XIII.

Panderectas

¿Seguro que no nos ponía «derechos de nuestra natura», a los doce años, el ver cómo y cuánto sobeteaba el mozo de cuadra Jesús las ubres de la vaca antes de ordeñarla? Seguro. Seguro que no. Vamos, salvo que nos salgan los listorros con que sí pero por dentro.

Jesús tenía buen humor. Canturreaba algunas veces mientras barría el establo. Nunca ponía mala cara. Y, sobre todo, no echaba de allí al chico que se le situaba a la vera mirando el caricieo que se traía con cada teta de la vaca, larga y demoradamente, al parecer con intermedio de alguna humedad que ¿de dónde había salido? //¿Seguro que el chico ─nunca una chica─ no mironeaba con mirada viciosa? ¡Eso habrían dicho los listorros!, pero yo he visto este verano, en Trento, cómo un papá extranjero levantaba en el aire a su nene pequeñín, protendiéndolo orientado de cara al violonchelo que tañía un bigardo muy complacientemente. El niñín era muy pequeño, a lo mejor sí llegaba al añito, iba en pañal y camisetilla y, ante el trabajeo del arco sobre las cuerdas, se iba quedando progresivamente fijado: no lo previo a dormido, no, sino... así... como hipnotizado. Se veía, casi se palpaba, el poder de la música sobre el género humano. Era evidente que estaba... más que disfrutando: abandonado a esa corriente sonora, sumergido en ella. Pues lo mismo el chaval de barrio en la vaquería, ante el falaguero proceso de preparar la ubre de la vaca.

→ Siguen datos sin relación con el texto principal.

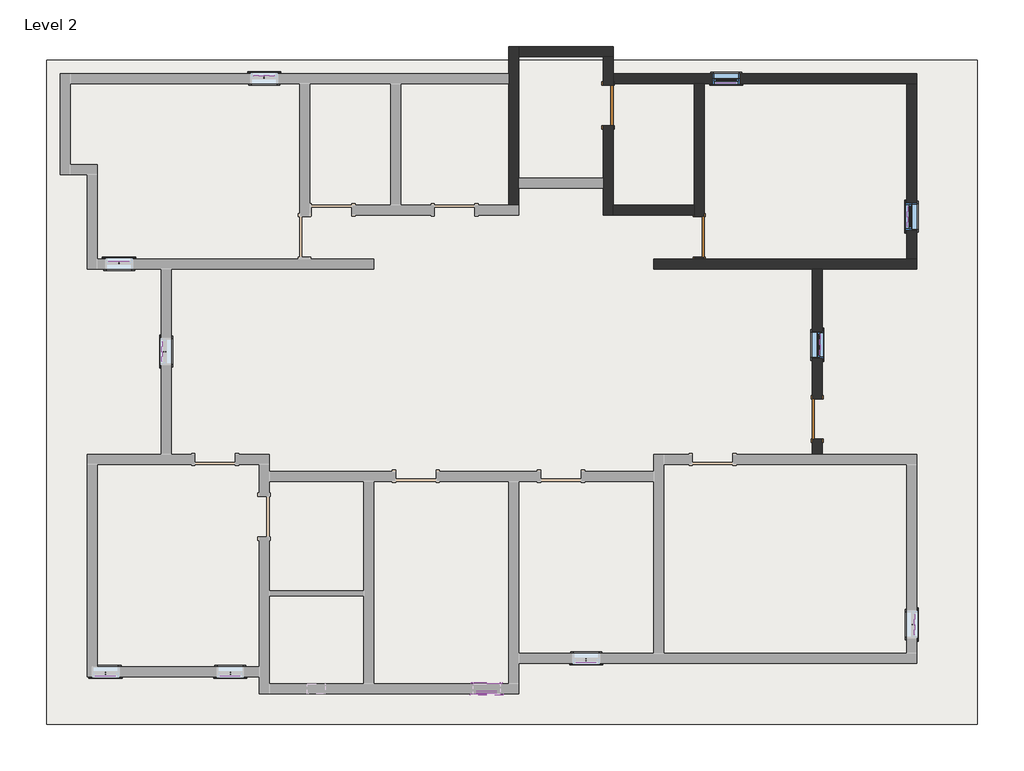
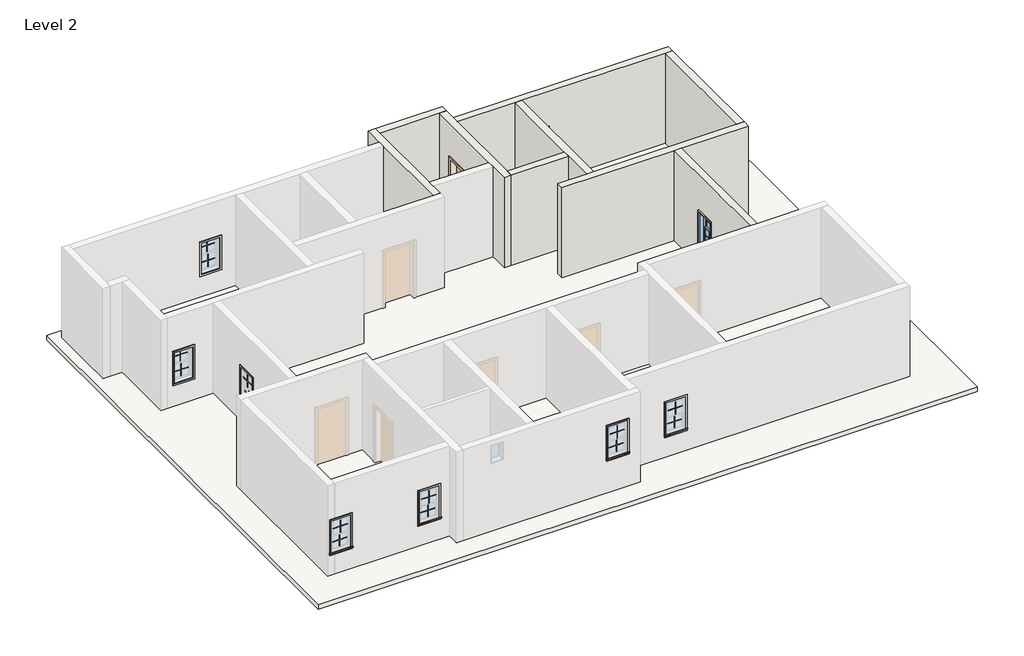
# One storey, part 2 of 2: 44 proxies, 9 walls, 3 doors, 3 windows, 1 roof.
"""IFC4 building model written with IfcOpenShell, lengths in millimetres."""

from ifc_helpers import new_model, si_unit, frame, origin, place, context, project, spatial, polyline, outline, extrude, faceted_brep, transform, mapped, element, save
from components import muntin_pattern_2x2_muntin_pattern_2x2_eba6c5fb, trim_window_exterior_flat_with_sill_278e6a94, trim_window_interior_flat_picture_frame_e9fd5f45, door_89fc3733, door_ef0d591a, window_d92165b9

model = new_model("IFC4")

# Units and contexts
model_context = context("Model", 3, world=origin())
ifc_project = project(units=[si_unit("LENGTHUNIT", "METRE", prefix="MILLI")], contexts=[model_context])

# Site, building, storey
site = spatial("IfcSite", under=ifc_project)
building = spatial("IfcBuilding", under=site)
storey = spatial("IfcBuildingStorey", under=building, Name="Level 2", Elevation=3200.4)

# Proxies
placement = place(None, origin())
muntin_pattern_2x2_muntin_pattern_2x2_shape = muntin_pattern_2x2_muntin_pattern_2x2_eba6c5fb(model_context)
element("IfcBuildingElementProxy", 1, Name="Muntin Pattern_2x2 : Muntin Pattern_2x2", ObjectType="Muntin Pattern_2x2 : Muntin Pattern_2x2", at=placement, inside=storey, context=model_context, shape_type="MappedRepresentation", body=[
    mapped(muntin_pattern_2x2_muntin_pattern_2x2_shape, transform((-9484.8415084, 7932.7685985, 4670.425), x_axis=(1.0, 0.0, 0.0), y_axis=(0.0, 1.0, 0.0), z_axis=(0.0, 0.0, 1.0))),
])
element("IfcBuildingElementProxy", 2, Name="Muntin Pattern_2x2 : Muntin Pattern_2x2", ObjectType="Muntin Pattern_2x2 : Muntin Pattern_2x2", at=placement, inside=storey, context=model_context, shape_type="MappedRepresentation", body=[
    mapped(muntin_pattern_2x2_muntin_pattern_2x2_shape, transform((-9484.8415084, 7888.3185985, 4191.0), x_axis=(1.0, 0.0, 0.0), y_axis=(0.0, 1.0, 0.0), z_axis=(0.0, 0.0, 1.0))),
])
element("IfcBuildingElementProxy", 3, Name="Muntin Pattern_2x2 : Muntin Pattern_2x2", ObjectType="Muntin Pattern_2x2 : Muntin Pattern_2x2", at=placement, inside=storey, context=model_context, shape_type="MappedRepresentation", body=[
    mapped(muntin_pattern_2x2_muntin_pattern_2x2_shape, transform((-12761.4415084, 3741.7685985, 4670.425), x_axis=(1.0, 0.0, 0.0), y_axis=(0.0, 1.0, 0.0), z_axis=(0.0, 0.0, 1.0))),
])
element("IfcBuildingElementProxy", 4, Name="Muntin Pattern_2x2 : Muntin Pattern_2x2", ObjectType="Muntin Pattern_2x2 : Muntin Pattern_2x2", at=placement, inside=storey, context=model_context, shape_type="MappedRepresentation", body=[
    mapped(muntin_pattern_2x2_muntin_pattern_2x2_shape, transform((-12761.4415084, 3697.3185985, 4191.0), x_axis=(1.0, 0.0, 0.0), y_axis=(0.0, 1.0, 0.0), z_axis=(0.0, 0.0, 1.0))),
])
element("IfcBuildingElementProxy", 5, Name="Muntin Pattern_2x2 : Muntin Pattern_2x2", ObjectType="Muntin Pattern_2x2 : Muntin Pattern_2x2", at=placement, inside=storey, context=model_context, shape_type="MappedRepresentation", body=[
    mapped(muntin_pattern_2x2_muntin_pattern_2x2_shape, transform((-13066.2415084, -5637.1814015, 4670.425), x_axis=(-1.0, 0.0, 0.0), y_axis=(0.0, -1.0, 0.0), z_axis=(0.0, 0.0, 1.0))),
])
element("IfcBuildingElementProxy", 6, Name="Muntin Pattern_2x2 : Muntin Pattern_2x2", ObjectType="Muntin Pattern_2x2 : Muntin Pattern_2x2", at=placement, inside=storey, context=model_context, shape_type="MappedRepresentation", body=[
    mapped(muntin_pattern_2x2_muntin_pattern_2x2_shape, transform((-13066.2415084, -5592.7314015, 4191.0), x_axis=(-1.0, 0.0, 0.0), y_axis=(0.0, -1.0, 0.0), z_axis=(0.0, 0.0, 1.0))),
])
element("IfcBuildingElementProxy", 7, Name="Muntin Pattern_2x2 : Muntin Pattern_2x2", ObjectType="Muntin Pattern_2x2 : Muntin Pattern_2x2", at=placement, inside=storey, context=model_context, shape_type="MappedRepresentation", body=[
    mapped(muntin_pattern_2x2_muntin_pattern_2x2_shape, transform((-10246.8415084, -5637.1814015, 4670.425), x_axis=(-1.0, 0.0, 0.0), y_axis=(0.0, -1.0, 0.0), z_axis=(0.0, 0.0, 1.0))),
])
element("IfcBuildingElementProxy", 8, Name="Muntin Pattern_2x2 : Muntin Pattern_2x2", ObjectType="Muntin Pattern_2x2 : Muntin Pattern_2x2", at=placement, inside=storey, context=model_context, shape_type="MappedRepresentation", body=[
    mapped(muntin_pattern_2x2_muntin_pattern_2x2_shape, transform((-10246.8415084, -5592.7314015, 4191.0), x_axis=(-1.0, 0.0, 0.0), y_axis=(0.0, -1.0, 0.0), z_axis=(0.0, 0.0, 1.0))),
])
element("IfcBuildingElementProxy", 9, Name="Muntin Pattern_2x2 : Muntin Pattern_2x2", ObjectType="Muntin Pattern_2x2 : Muntin Pattern_2x2", at=placement, inside=storey, context=model_context, shape_type="MappedRepresentation", body=[
    mapped(muntin_pattern_2x2_muntin_pattern_2x2_shape, transform((954.5584916, 7774.0185985, 4670.425), x_axis=(-1.0, 0.0, 0.0), y_axis=(0.0, -1.0, 0.0), z_axis=(0.0, 0.0, 1.0))),
])
element("IfcBuildingElementProxy", 10, Name="Muntin Pattern_2x2 : Muntin Pattern_2x2", ObjectType="Muntin Pattern_2x2 : Muntin Pattern_2x2", at=placement, inside=storey, context=model_context, shape_type="MappedRepresentation", body=[
    mapped(muntin_pattern_2x2_muntin_pattern_2x2_shape, transform((954.5584916, 7818.4685985, 4191.0), x_axis=(-1.0, 0.0, 0.0), y_axis=(0.0, -1.0, 0.0), z_axis=(0.0, 0.0, 1.0))),
])
element("IfcBuildingElementProxy", 11, Name="Muntin Pattern_2x2 : Muntin Pattern_2x2", ObjectType="Muntin Pattern_2x2 : Muntin Pattern_2x2", at=placement, inside=storey, context=model_context, shape_type="MappedRepresentation", body=[
    mapped(muntin_pattern_2x2_muntin_pattern_2x2_shape, transform((-11774.0165084, 1681.1935985, 4670.425), x_axis=(0.0, 1.0, 0.0), y_axis=(-1.0, 0.0, 0.0), z_axis=(0.0, 0.0, 1.0))),
])
element("IfcBuildingElementProxy", 12, Name="Muntin Pattern_2x2 : Muntin Pattern_2x2", ObjectType="Muntin Pattern_2x2 : Muntin Pattern_2x2", at=placement, inside=storey, context=model_context, shape_type="MappedRepresentation", body=[
    mapped(muntin_pattern_2x2_muntin_pattern_2x2_shape, transform((-11729.5665084, 1681.1935985, 4191.0), x_axis=(0.0, 1.0, 0.0), y_axis=(-1.0, 0.0, 0.0), z_axis=(0.0, 0.0, 1.0))),
])
element("IfcBuildingElementProxy", 13, Name="Muntin Pattern_2x2 : Muntin Pattern_2x2", ObjectType="Muntin Pattern_2x2 : Muntin Pattern_2x2", at=placement, inside=storey, context=model_context, shape_type="MappedRepresentation", body=[
    mapped(muntin_pattern_2x2_muntin_pattern_2x2_shape, transform((-2207.7415084, -5332.3814015, 4670.425), x_axis=(-1.0, 0.0, 0.0), y_axis=(0.0, -1.0, 0.0), z_axis=(0.0, 0.0, 1.0))),
])
element("IfcBuildingElementProxy", 14, Name="Muntin Pattern_2x2 : Muntin Pattern_2x2", ObjectType="Muntin Pattern_2x2 : Muntin Pattern_2x2", at=placement, inside=storey, context=model_context, shape_type="MappedRepresentation", body=[
    mapped(muntin_pattern_2x2_muntin_pattern_2x2_shape, transform((-2207.7415084, -5287.9314015, 4191.0), x_axis=(-1.0, 0.0, 0.0), y_axis=(0.0, -1.0, 0.0), z_axis=(0.0, 0.0, 1.0))),
])
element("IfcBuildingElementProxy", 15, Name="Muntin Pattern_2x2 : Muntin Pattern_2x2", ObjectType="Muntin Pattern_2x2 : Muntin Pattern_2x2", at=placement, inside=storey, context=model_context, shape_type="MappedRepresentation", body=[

Si después de eso, a los trece años, en que ya uno estaba mucho más maliciado, sobre todo de vocabulario, tenía que estudiar en clase de Historia los nombre de Digesto y Pandectas, cómo no comprender que se agarrase a la evocación de la ubre de la vaca, con su aspecto conjunto de aparato digestivo y su aspecto pormenorizado de [tetas] erectas? ¿Cómo no comprenderlo? Porque, en sí, digesto y pandectas no tenían ningún agarradero intelectual. Lo único que tenían era un olor parecido al del compañero Begui, que hacía pompas de saliva cuando se aburría, es decir toda la mañana, a tu lado. Olor a aparato digestivo.

¡Y falta lo principal!: el nombre de guerra de Jesús era el Pandereta, en alusión a cómo usaba ponerse la boina que llevaba sobre el flequillo todos los días y toda la vida. El Panderectas.

¡Ah!, el nene extranjero protendido a la música por su papá recibía de él, durante el proceso, besitos en la coronilla. No: lo he dicho muy torpemente, para lo tierna que era la estampa: el papá besaba al niño en lo alto de la cabeza: un beso demorado y cálido: el padre mantenía largamente ahí posados los labios entreabiertos. ¿A ver si el espectáculo lúbrico era éste, ahora que lo pienso?